魔道具は置物では無い
フォクサンに行けと言われて虜囚となった魔族の男女と面会した。
真っ黒な見た事も無い魔道具を前に、アレだコレだと説明を受けたが、半分も理解出来なかった。
要は地上を走る魔道具らしいのだが、動く様を見た者の話ではどんな馬よりも速く、熊よりも力強く大地を駆け、瞬く間に視界から失せたのだという。
速度が自慢の軽装な胸甲騎兵を容易く振り切り、投げ槍はもちろん弩の矢すらも追い抜いたという証言もあった。
正直、俄には信じがたかった。
だがあの真っ黒でツヤツヤとした、複雑な造形の外見を目の当たりにすると全てを鵜呑みにしたくなる。
何と言うか圧倒されたのだ。
まるで黒曜石を削り上げたかのような色合い。
水で濡れているのかと思い軽く手で触ってみたのだが、顔が映る程にまで磨き上げられているのだと知って思わず感嘆した。
中心部には、やはり同じく鏡の如く磨き上げられた支柱や板材が複雑に絡み合っていた。
恐らく銀細工の装飾ではないかと思うのだが、何某か魔術の役割を持っているのかも知れない。
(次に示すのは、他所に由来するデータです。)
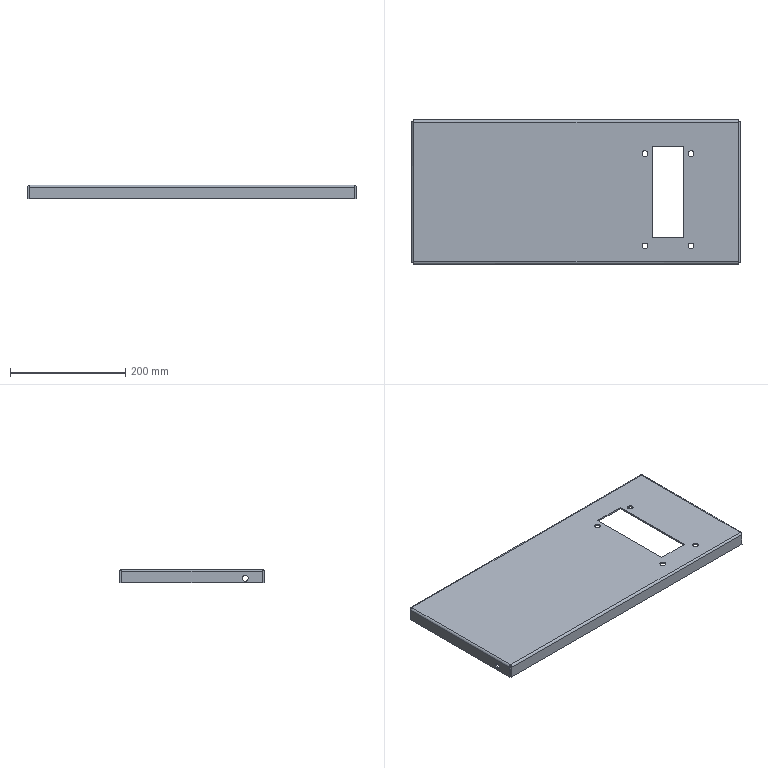Component | SolidWorks | ActuatorGasket-1 | 1 solid | 54 faces | volume 456659 mm3 | plane 26 | cylinder 20 | spline 8 | commonest cylinder face diameters 10 x12 2 x4 7.5 x4

魔道具を専門としている訳ではないが、全くの素人という訳でもなかった。
此まで数々の品を目の当たりにしてきたが、それらのどれとも似ていなかった。
その一方、何と言うか抗いがたい魅惑に満ちた逸品だった。
成る程、検分した者たちから、感心至極といった物言いが聞こえて来たのも納得出来る。
コレは確かに尋常ならざる出来合だ。
このまま王宮の水鏡床の間に飾ったとて決して見劣りなどはすまい。
「これはいま動かせるのですか」
迂闊にも声が弾んでいた。
そして魔族の女性から「お望みならば」という返答があって、胸が躍ったことを憶えて居る。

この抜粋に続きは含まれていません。